Я вытираю рот дрожащей рукой, всхлипываю и заставляю себя встать. Колени подгибаются, но я опираюсь на стену дома и делаю несколько глубоких вдохов.
Домой.
Мне нужно вернуться домой.
Я не знаю, как. Не знаю, что буду говорить. Но мне нужно туда. Мне нужно хотя бы что-то, за что я смогу зацепиться.
Я выпрямляюсь, собирая в кулак последние силы, и шаг за шагом двигаюсь в сторону дороги.
Ощущение, что жизнь кончена. Но я ещё дышу.
39
Я возвращаюсь домой как во сне. В каком-то плотном, молочном тумане, как Николь Кидман в фильме “Другие”.
Кажется, что я плыву, а не иду, будто воздух сгустился, превратился в вязкую, липкую массу, которая мешает дышать. Мешает думать.
Да и не хочется думать вовсе. Не получается. Мысли словно трясина. Огромное болото боли.

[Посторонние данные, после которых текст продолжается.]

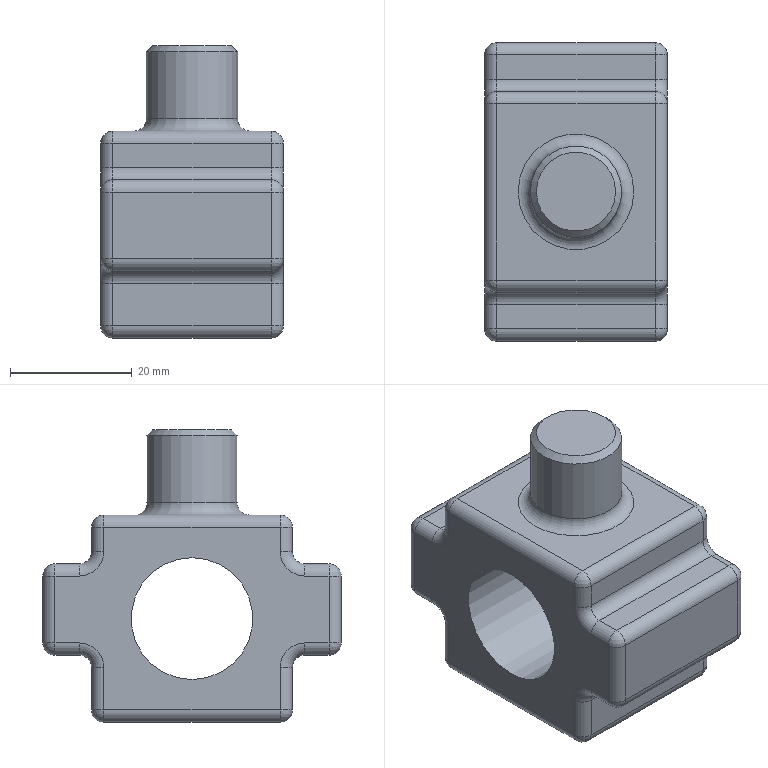Component | NX | NUT_2 | 1 solid | 79 faces | volume 33564 mm3 | cylinder 38 | sphere 16 | plane 15 | torus 9 | cone 1 | commonest cylinder face diameters 4 x36 15 x1 20 x1

Я никогда не ездила на попутках. Тем более ночью. Безумной ведь надо быть, чтобы сесть к кому-то в машину среди ночи.
Но, наверное, у меня такой вид, что эти двое парней, чью машину я тормознула возле круглосуточного супермаркета, даже вопросов не задавали. Да и было ощущение, что мне плевать. Я вся онемела. Застыла.
Они высаживают меня напротив парка, и я иду домой. Даже думать не хочу, что там может сейчас произойти. Мне уже все равно сейчас. После такого позора и кошмара.…
Я открываю калитку и поднимаюсь по лестнице на автопилоте, механически вставляю ключ в замок, поворачиваю, вхожу внутрь.
Тишина. В доме так же темно.
Я иду в спальню. Роман спит, его ровное дыхание заполняет комнату.
Я замираю на пороге, пытаясь осознать, что мне теперь делать, но голова совершенно пустая. Меня словно выпотрошили. Всё внутри выжжено, только пепел, только раскаленные угли в грудной клетке.
Я переодеваюсь, скидываю одежду, которая теперь кажется чужой и грязной. Кожа ноет от воспоминаний прикосновений рук Ильи, покрывается мурашками, стоит лишь вспомнить его обезумевшие глаза.
Влезаю под одеяло, стараясь не шевелиться, чтобы не разбудить мужа. Свернувшись калачиком, прячу
Тело содрогается от беззвучных рыданий. В животе сводит спазмом.
Я раздавлена. Я предана. Кажется, что сердце разорвалось на части, а из осколков вытекает какая-то холодная, липкая пустота. Меня затягивает в неё, я тону.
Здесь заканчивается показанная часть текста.